1. KI's differ from project to project, but basically come down to 3 things. Bandwidth and Capacity of either processors, non-volatile storage or network infrastructure. Whilst the latter would be bringing things outside of the scope of unified computing (besides the limitations of single system servers as far as networking performance), keeping growth manageable has always been about having a big cache pool and larger bandwidth, as well as keeping 3x failovers (in addition to tape backup etc), so that in periods of extreme unforeseen demand, you have a large pool of cache that should soak up the missing bandwidth and you can cannibalize one of the failovers to provide 50% more storage (as half of the storage has to act as a failover to the new data).
I don't work on absolutely mission critical systems though. Lots of the data I store is very low demand. I work on unified webservers in a university that also double as virtualisation hosts, entry access and frontline account dataservers (there are secondaries that run through peak hours as well as tertiaries that run during updates etc). Rather than run servers for each task, I now run all as all but with the critical account data on a separate low power server. Power efficiency is much better thanks to the fact that I can disable and even shut down all but two systems per rack during off peak hours and have the others on network startup with a response time of around 10 seconds. (I have one on standby for a 2 second resume and the rest fully shut down)
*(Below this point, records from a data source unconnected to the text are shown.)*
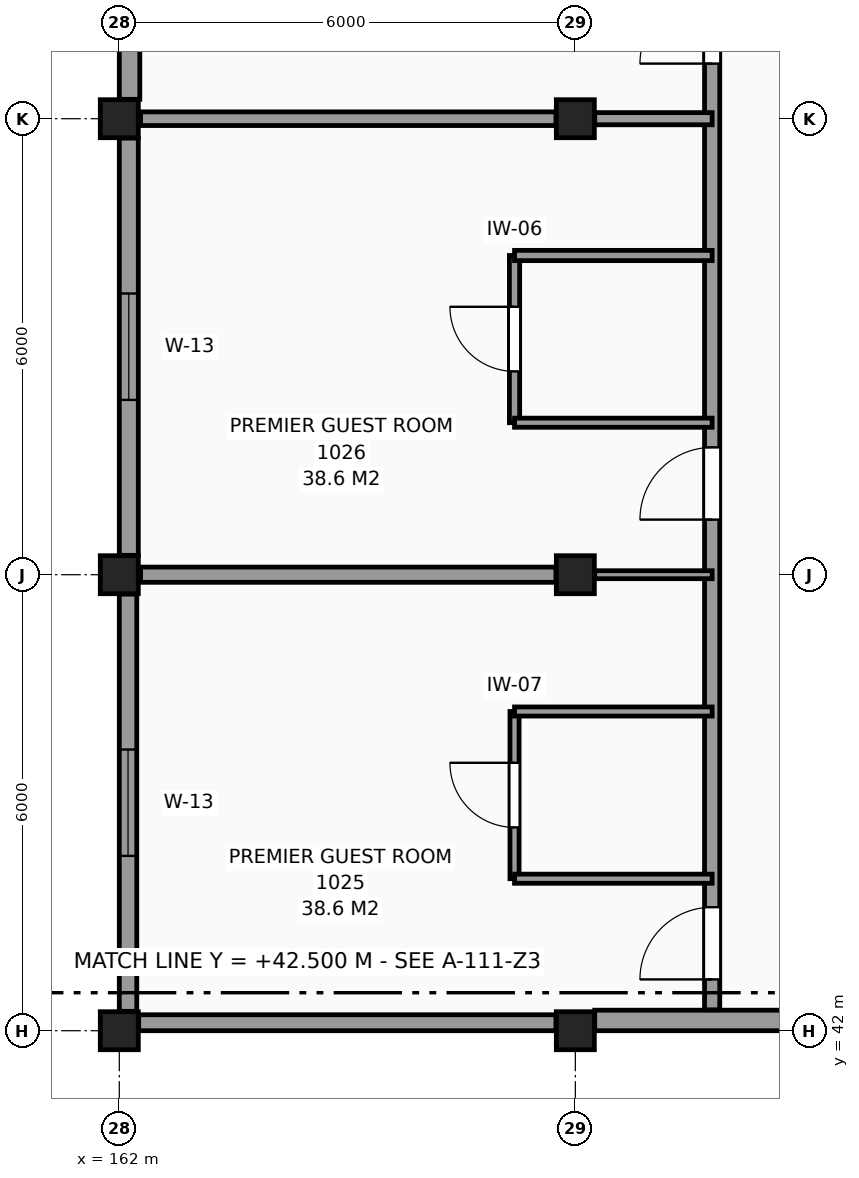
"""IFC4 building model, lengths in metres.
Left out: names, types, materials, properties, quantities, classifications, styles, units other than length and angle.
Written with IfcOpenShell. Run it as: python <this file> out.ifc"""

import sys

from ifc_helpers import new_model, si_unit, direction, frame, frame_2d, origin, origin_2d, place, context, subcontext, project, spatial, rectangle, extrude, element, fill, save


model = new_model("IFC4")
c1 = context("Model", 3, precision=1e-05, world=origin(), true_north=direction((0.0, 1.0)))
c2 = subcontext(c1, "Body", "Model", "MODEL_VIEW")
j1 = project(units=[si_unit("LENGTHUNIT", "METRE"), si_unit("PLANEANGLEUNIT", "RADIAN")], contexts=[c1])
p1 = place(None, origin())
s1 = spatial("IfcSite", under=j1, at=p1, CompositionType="ELEMENT")
p2 = place(p1, origin())
s2 = spatial("IfcBuilding", under=s1, at=p2, CompositionType="ELEMENT")
p3 = place(p2, frame((0.0, 0.0, 41.4)))
s3 = spatial("IfcBuildingStorey", under=s2, at=p3, CompositionType="ELEMENT", Elevation=41.4)
for number, where, z_axis, x_axis in (
    (1, (162.0, 42.0, 0.0), (0.0, 0.0, 1.0), (1.0, 0.0, 0.0)),
    (2, (162.0, 48.0, 0.0), (0.0, 0.0, 1.0), (1.0, 0.0, 0.0)),
    (3, (162.0, 54.0, 0.0), (0.0, 0.0, 1.0), (1.0, 0.0, 0.0)),
    (4, (168.0, 42.0, 0.0), (0.0, 0.0, 1.0), (1.0, 0.0, 0.0)),
    (5, (168.0, 48.0, 0.0), (0.0, 0.0, 1.0), (1.0, 0.0, 0.0)),
    (6, (168.0, 54.0, 0.0), (0.0, 0.0, 1.0), (1.0, 0.0, 0.0)),
):
    element("IfcColumn", number, at=place(p3, frame(where, z_axis=z_axis, x_axis=x_axis)), inside=s3, PredefinedType="COLUMN", context=c2, shape_type="SweptSolid", body=[
        extrude(rectangle(XDim=0.5, YDim=0.5, at=origin_2d()), origin(), (0.0, 0.0, 1.0), 3.3),
    ])
p4 = place(p3, frame((162.135, 59.745, 0.0), z_axis=(0.0, 0.0, 1.0), x_axis=(0.0, -1.0, 0.0)))
e7 = element("IfcWall", 7, at=p4, inside=s3, PredefinedType="SOLIDWALL", context=c2, shape_type="SweptSolid", body=[
    extrude(rectangle(XDim=5.49, YDim=0.27, at=frame_2d((2.745, 0.0))), origin(), (0.0, 0.0, 1.0), 2.445),
])
p5 = place(p4, frame((2.045, 0.0, 0.8)))
e8 = element("IfcOpeningElement", 8, at=p5, cuts=e7, PredefinedType="OPENING", context=c2, shape_type="SweptSolid", body=[
    extrude(rectangle(XDim=1.4, YDim=1.4, at=frame_2d((0.7, 0.7))), frame((0.0, 0.145, 0.0), z_axis=(0.0, -1.0, 0.0), x_axis=(1.0, 0.0, 0.0)), (0.0, 0.0, 1.0), 0.29),
])
p6 = place(p3, frame((162.125, 53.745, 0.0), z_axis=(0.0, 0.0, 1.0), x_axis=(0.0, -1.0, 0.0)))
e9 = element("IfcWall", 9, at=p6, inside=s3, PredefinedType="SOLIDWALL", context=c2, shape_type="SweptSolid", body=[
    extrude(rectangle(XDim=5.49, YDim=0.25, at=frame_2d((2.745, 0.0))), origin(), (0.0, 0.0, 1.0), 2.445),
])
p7 = place(p6, frame((2.045, 0.0, 0.8)))
e10 = element("IfcOpeningElement", 10, at=p7, cuts=e9, PredefinedType="OPENING", context=c2, shape_type="SweptSolid", body=[
    extrude(rectangle(XDim=1.4, YDim=1.4, at=frame_2d((0.7, 0.7))), frame((0.0, 0.135, 0.0), z_axis=(0.0, -1.0, 0.0), x_axis=(1.0, 0.0, 0.0)), (0.0, 0.0, 1.0), 0.27),
])
p8 = place(p3, frame((162.115, 47.745, 0.0), z_axis=(0.0, 0.0, 1.0), x_axis=(0.0, -1.0, 0.0)))
e11 = element("IfcWall", 11, at=p8, inside=s3, PredefinedType="SOLIDWALL", context=c2, shape_type="SweptSolid", body=[
    extrude(rectangle(XDim=5.49, YDim=0.23, at=frame_2d((2.745, 0.0))), origin(), (0.0, 0.0, 1.0), 2.445),
])
p9 = place(p8, frame((2.045, 0.0, 0.8)))
e12 = element("IfcOpeningElement", 12, at=p9, cuts=e11, PredefinedType="OPENING", context=c2, shape_type="SweptSolid", body=[
    extrude(rectangle(XDim=1.4, YDim=1.4, at=frame_2d((0.7, 0.7))), frame((0.0, 0.125, 0.0), z_axis=(0.0, -1.0, 0.0), x_axis=(1.0, 0.0, 0.0)), (0.0, 0.0, 1.0), 0.25),
])
p10 = place(p3, frame((162.255, 42.105, 0.0), z_axis=(0.0, 0.0, 1.0), x_axis=(1.0, 0.0, 0.0)))
e13 = element("IfcWall", 13, at=p10, inside=s3, PredefinedType="SOLIDWALL", context=c2, shape_type="SweptSolid", body=[
    extrude(rectangle(XDim=5.49, YDim=0.21, at=frame_2d((2.745, 0.0))), origin(), (0.0, 0.0, 1.0), 2.295),
])
p11 = place(p3, frame((168.255, 42.135, 0.0), z_axis=(0.0, 0.0, 1.0), x_axis=(1.0, 0.0, 0.0)))
e14 = element("IfcWall", 14, at=p11, inside=s3, PredefinedType="SOLIDWALL", context=c2, shape_type="SweptSolid", body=[
    extrude(rectangle(XDim=5.49, YDim=0.27, at=frame_2d((2.745, 0.0))), origin(), (0.0, 0.0, 1.0), 2.295),
])
p12 = place(p3, frame((167.2, 44.0, 0.0), z_axis=(0.0, 0.0, 1.0), x_axis=(0.0, 1.0, 0.0)))
e15 = element("IfcWall", 15, at=p12, inside=s3, PredefinedType="PARTITIONING", context=c2, shape_type="SweptSolid", body=[
    extrude(rectangle(XDim=2.2, YDim=0.12, at=frame_2d((1.1, 0.0))), origin(), (0.0, 0.0, 1.0), 3.06),
])
p13 = place(p12, frame((0.675, 0.0, 0.0)))
e16 = element("IfcOpeningElement", 16, at=p13, cuts=e15, PredefinedType="OPENING", context=c2, shape_type="SweptSolid", body=[
    extrude(rectangle(XDim=0.85, YDim=2.1, at=frame_2d((0.425, 1.05))), frame((0.0, 0.07, 0.0), z_axis=(0.0, -1.0, 0.0), x_axis=(1.0, 0.0, 0.0)), (0.0, 0.0, 1.0), 0.14),
])
p14 = place(p3, frame((167.2, 50.0, 0.0), z_axis=(0.0, 0.0, 1.0), x_axis=(0.0, 1.0, 0.0)))
e17 = element("IfcWall", 17, at=p14, inside=s3, PredefinedType="PARTITIONING", context=c2, shape_type="SweptSolid", body=[
    extrude(rectangle(XDim=2.2, YDim=0.135, at=frame_2d((1.1, 0.0))), origin(), (0.0, 0.0, 1.0), 3.06),
])
p15 = place(p14, frame((0.675, 0.0, 0.0)))
e18 = element("IfcOpeningElement", 18, at=p15, cuts=e17, PredefinedType="OPENING", context=c2, shape_type="SweptSolid", body=[
    extrude(rectangle(XDim=0.85, YDim=2.1, at=frame_2d((0.425, 1.05))), frame((0.0, 0.078, 0.0), z_axis=(0.0, -1.0, 0.0), x_axis=(1.0, 0.0, 0.0)), (0.0, 0.0, 1.0), 0.155),
])
p16 = place(p3, frame((169.8, 42.275, 0.0), z_axis=(0.0, 0.0, 1.0), x_axis=(0.0, 1.0, 0.0)))
e19 = element("IfcWall", 19, at=p16, inside=s3, PredefinedType="PARTITIONING", context=c2, shape_type="SweptSolid", body=[
    extrude(rectangle(XDim=65.545, YDim=0.2, at=frame_2d((32.772, 0.0))), origin(), (0.0, 0.0, 1.0), 3.06),
])
p17 = place(p16, frame((50.125, 0.0, 0.0)))
e20 = element("IfcOpeningElement", 20, at=p17, cuts=e19, PredefinedType="OPENING", context=c2, shape_type="SweptSolid", body=[
    extrude(rectangle(XDim=1.2, YDim=2.2, at=frame_2d((0.6, 1.1))), frame((0.0, 0.11, 0.0), z_axis=(0.0, -1.0, 0.0), x_axis=(1.0, 0.0, 0.0)), (0.0, 0.0, 1.0), 0.22),
])
p18 = place(p16, frame((31.925, 0.0, 0.0)))
e21 = element("IfcOpeningElement", 21, at=p18, cuts=e19, PredefinedType="OPENING", context=c2, shape_type="SweptSolid", body=[
    extrude(rectangle(XDim=1.6, YDim=2.25, at=frame_2d((0.8, 1.125))), frame((0.0, 0.11, 0.0), z_axis=(0.0, -1.0, 0.0), x_axis=(1.0, 0.0, 0.0)), (0.0, 0.0, 1.0), 0.22),
])
p19 = place(p16, frame((0.4, 0.0, 0.0)))
e22 = element("IfcOpeningElement", 22, at=p19, cuts=e19, PredefinedType="OPENING", context=c2, shape_type="SweptSolid", body=[
    extrude(rectangle(XDim=0.95, YDim=2.1, at=frame_2d((0.475, 1.05))), frame((0.0, 0.11, 0.0), z_axis=(0.0, -1.0, 0.0), x_axis=(1.0, 0.0, 0.0)), (0.0, 0.0, 1.0), 0.22),
])
p20 = place(p16, frame((6.45, 0.0, 0.0)))
e23 = element("IfcOpeningElement", 23, at=p20, cuts=e19, PredefinedType="OPENING", context=c2, shape_type="SweptSolid", body=[
    extrude(rectangle(XDim=0.95, YDim=2.1, at=frame_2d((0.475, 1.05))), frame((0.0, 0.11, 0.0), z_axis=(0.0, -1.0, 0.0), x_axis=(1.0, 0.0, 0.0)), (0.0, 0.0, 1.0), 0.22),
])
p21 = place(p16, frame((12.45, 0.0, 0.0)))
e24 = element("IfcOpeningElement", 24, at=p21, cuts=e19, PredefinedType="OPENING", context=c2, shape_type="SweptSolid", body=[
    extrude(rectangle(XDim=0.95, YDim=2.1, at=frame_2d((0.475, 1.05))), frame((0.0, 0.11, 0.0), z_axis=(0.0, -1.0, 0.0), x_axis=(1.0, 0.0, 0.0)), (0.0, 0.0, 1.0), 0.22),
])
p22 = place(p16, frame((18.45, 0.0, 0.0)))
e25 = element("IfcOpeningElement", 25, at=p22, cuts=e19, PredefinedType="OPENING", context=c2, shape_type="SweptSolid", body=[
    extrude(rectangle(XDim=0.95, YDim=2.1, at=frame_2d((0.475, 1.05))), frame((0.0, 0.11, 0.0), z_axis=(0.0, -1.0, 0.0), x_axis=(1.0, 0.0, 0.0)), (0.0, 0.0, 1.0), 0.22),
])
p23 = place(p16, frame((54.45, 0.0, 0.0)))
e26 = element("IfcOpeningElement", 26, at=p23, cuts=e19, PredefinedType="OPENING", context=c2, shape_type="SweptSolid", body=[
    extrude(rectangle(XDim=0.95, YDim=2.1, at=frame_2d((0.475, 1.05))), frame((0.0, 0.11, 0.0), z_axis=(0.0, -1.0, 0.0), x_axis=(1.0, 0.0, 0.0)), (0.0, 0.0, 1.0), 0.22),
])
p24 = place(p16, frame((60.45, 0.0, 0.0)))
e27 = element("IfcOpeningElement", 27, at=p24, cuts=e19, PredefinedType="OPENING", context=c2, shape_type="SweptSolid", body=[
    extrude(rectangle(XDim=0.95, YDim=2.1, at=frame_2d((0.475, 1.05))), frame((0.0, 0.11, 0.0), z_axis=(0.0, -1.0, 0.0), x_axis=(1.0, 0.0, 0.0)), (0.0, 0.0, 1.0), 0.22),
])
for number, where, z_axis, x_axis in (
    (28, (167.2, 44.0, 0.0), (0.0, 0.0, 1.0), (1.0, 0.0, 0.0)),
    (29, (167.2, 46.2, 0.0), (0.0, 0.0, 1.0), (1.0, 0.0, 0.0)),
):
    element("IfcWall", number, at=place(p3, frame(where, z_axis=z_axis, x_axis=x_axis)), inside=s3, PredefinedType="PARTITIONING", context=c2, shape_type="SweptSolid", body=[
        extrude(rectangle(XDim=2.6, YDim=0.12, at=frame_2d((1.3, 0.0))), origin(), (0.0, 0.0, 1.0), 3.06),
    ])
p25 = place(p3, frame((162.28, 48.0, 0.0), z_axis=(0.0, 0.0, 1.0), x_axis=(1.0, 0.0, 0.0)))
e30 = element("IfcWall", 30, at=p25, inside=s3, PredefinedType="PARTITIONING", context=c2, shape_type="SweptSolid", body=[
    extrude(rectangle(XDim=5.465, YDim=0.2, at=frame_2d((2.732, 0.0))), origin(), (0.0, 0.0, 1.0), 2.645),
])
p26 = place(p3, frame((168.255, 48.0, 0.0), z_axis=(0.0, 0.0, 1.0), x_axis=(1.0, 0.0, 0.0)))
e31 = element("IfcWall", 31, at=p26, inside=s3, PredefinedType="PARTITIONING", context=c2, shape_type="SweptSolid", body=[
    extrude(rectangle(XDim=1.545, YDim=0.105, at=frame_2d((0.772, 0.0))), origin(), (0.0, 0.0, 1.0), 2.805),
])
p27 = place(p3, frame((167.2, 50.0, 0.0), z_axis=(0.0, 0.0, 1.0), x_axis=(1.0, 0.0, 0.0)))
e32 = element("IfcWall", 32, at=p27, inside=s3, PredefinedType="PARTITIONING", context=c2, shape_type="SweptSolid", body=[
    extrude(rectangle(XDim=2.6, YDim=0.12, at=frame_2d((1.3, 0.0))), origin(), (0.0, 0.0, 1.0), 3.06),
])
p28 = place(p3, frame((167.2, 52.2, 0.0), z_axis=(0.0, 0.0, 1.0), x_axis=(1.0, 0.0, 0.0)))
e33 = element("IfcWall", 33, at=p28, inside=s3, PredefinedType="PARTITIONING", context=c2, shape_type="SweptSolid", body=[
    extrude(rectangle(XDim=2.6, YDim=0.135, at=frame_2d((1.3, 0.0))), origin(), (0.0, 0.0, 1.0), 3.06),
])
p29 = place(p3, frame((162.28, 54.0, 0.0), z_axis=(0.0, 0.0, 1.0), x_axis=(1.0, 0.0, 0.0)))
e34 = element("IfcWall", 34, at=p29, inside=s3, PredefinedType="PARTITIONING", context=c2, shape_type="SweptSolid", body=[
    extrude(rectangle(XDim=5.465, YDim=0.18, at=frame_2d((2.732, 0.0))), origin(), (0.0, 0.0, 1.0), 2.295),
])
p30 = place(p3, frame((168.255, 54.0, 0.0), z_axis=(0.0, 0.0, 1.0), x_axis=(1.0, 0.0, 0.0)))
e35 = element("IfcWall", 35, at=p30, inside=s3, PredefinedType="PARTITIONING", context=c2, shape_type="SweptSolid", body=[
    extrude(rectangle(XDim=1.545, YDim=0.16, at=frame_2d((0.772, 0.0))), origin(), (0.0, 0.0, 1.0), 2.295),
])
p31 = place(p9, origin())
e36 = element("IfcWindow", 36, at=p31, inside=s3, PartitioningType="SINGLE_PANEL", PredefinedType="WINDOW", context=c2, shape_type="SweptSolid", body=[
    extrude(rectangle(XDim=1.4, YDim=1.4, at=frame_2d((0.7, 0.7))), frame((0.0, 0.03, 0.0), z_axis=(0.0, -1.0, 0.0), x_axis=(1.0, 0.0, 0.0)), (0.0, 0.0, 1.0), 0.06),
])
fill(e12, e36)
p32 = place(p7, origin())
e37 = element("IfcWindow", 37, at=p32, inside=s3, PartitioningType="SINGLE_PANEL", PredefinedType="WINDOW", context=c2, shape_type="SweptSolid", body=[
    extrude(rectangle(XDim=1.4, YDim=1.4, at=frame_2d((0.7, 0.7))), frame((0.0, 0.03, 0.0), z_axis=(0.0, -1.0, 0.0), x_axis=(1.0, 0.0, 0.0)), (0.0, 0.0, 1.0), 0.06),
])
fill(e10, e37)
p33 = place(p13, origin())
e38 = element("IfcDoor", 38, at=p33, inside=s3, OperationType="SINGLE_SWING_RIGHT", PredefinedType="DOOR", context=c2, shape_type="SweptSolid", body=[
    extrude(rectangle(XDim=0.85, YDim=2.1, at=frame_2d((0.425, 1.05))), frame((0.0, 0.025, 0.0), z_axis=(0.0, -1.0, 0.0), x_axis=(1.0, 0.0, 0.0)), (0.0, 0.0, 1.0), 0.05),
])
fill(e16, e38)
p34 = place(p19, origin())
e39 = element("IfcDoor", 39, at=p34, inside=s3, OperationType="SINGLE_SWING_LEFT", PredefinedType="DOOR", context=c2, shape_type="SweptSolid", body=[
    extrude(rectangle(XDim=0.95, YDim=2.1, at=frame_2d((0.475, 1.05))), frame((0.0, 0.025, 0.0), z_axis=(0.0, -1.0, 0.0), x_axis=(1.0, 0.0, 0.0)), (0.0, 0.0, 1.0), 0.05),
])
fill(e22, e39)
p35 = place(p15, origin())
e40 = element("IfcDoor", 40, at=p35, inside=s3, OperationType="SINGLE_SWING_RIGHT", PredefinedType="DOOR", context=c2, shape_type="SweptSolid", body=[
    extrude(rectangle(XDim=0.85, YDim=2.1, at=frame_2d((0.425, 1.05))), frame((0.0, 0.025, 0.0), z_axis=(0.0, -1.0, 0.0), x_axis=(1.0, 0.0, 0.0)), (0.0, 0.0, 1.0), 0.05),
])
fill(e18, e40)
p36 = place(p20, origin())
e41 = element("IfcDoor", 41, at=p36, inside=s3, OperationType="SINGLE_SWING_LEFT", PredefinedType="DOOR", context=c2, shape_type="SweptSolid", body=[
    extrude(rectangle(XDim=0.95, YDim=2.1, at=frame_2d((0.475, 1.05))), frame((0.0, 0.025, 0.0), z_axis=(0.0, -1.0, 0.0), x_axis=(1.0, 0.0, 0.0)), (0.0, 0.0, 1.0), 0.05),
])
fill(e23, e41)
p37 = place(p21, origin())
e42 = element("IfcDoor", 42, at=p37, inside=s3, OperationType="SINGLE_SWING_LEFT", PredefinedType="DOOR", context=c2, shape_type="SweptSolid", body=[
    extrude(rectangle(XDim=0.95, YDim=2.1, at=frame_2d((0.475, 1.05))), frame((0.0, 0.025, 0.0), z_axis=(0.0, -1.0, 0.0), x_axis=(1.0, 0.0, 0.0)), (0.0, 0.0, 1.0), 0.05),
])
fill(e24, e42)
save(model, sys.argv[1])

2. Yes, we do. The answer to that simply is to requisition the biggest, densest parts now and leave slots, racks and connectivity to spare. If we need 50TB of space, we need at least 2.5TB SSD cache and we have a SAS capacity of 25 sockets, we get 4TB HDDs, but we only half fill all our storage racks. Parallel SSDs obviously increase bandwidth so that is on a per case basis but the 120% rule applies. We have no intention of doubling our storage needs this year, but storage racks are cheap, RAID will always justify it's cost provided we get one's with good throughput and downtime for installation of storage racks are not. Our primary servers use 16GB RAM sticks in a 128GB configuration, because again, only a quarter of total needs is sated. We want the hardware not only to be able to handle massive growth in users, for example if there is a news article about the Uni that drives a spike in traffic, but also a massive growth in the needs of the virtualized machine demands. Of course when DDR4 comes out, like DDR3 was, it will not be cost effective to move to straight away and we will review the servers then.
3. IMO you should always have a off-site cloud service like AWS for emergencies, but only as a last ditch "fan+poo" solution. This is not my job in my workplace however so I probably cannot help you with anything up-to-the-minute.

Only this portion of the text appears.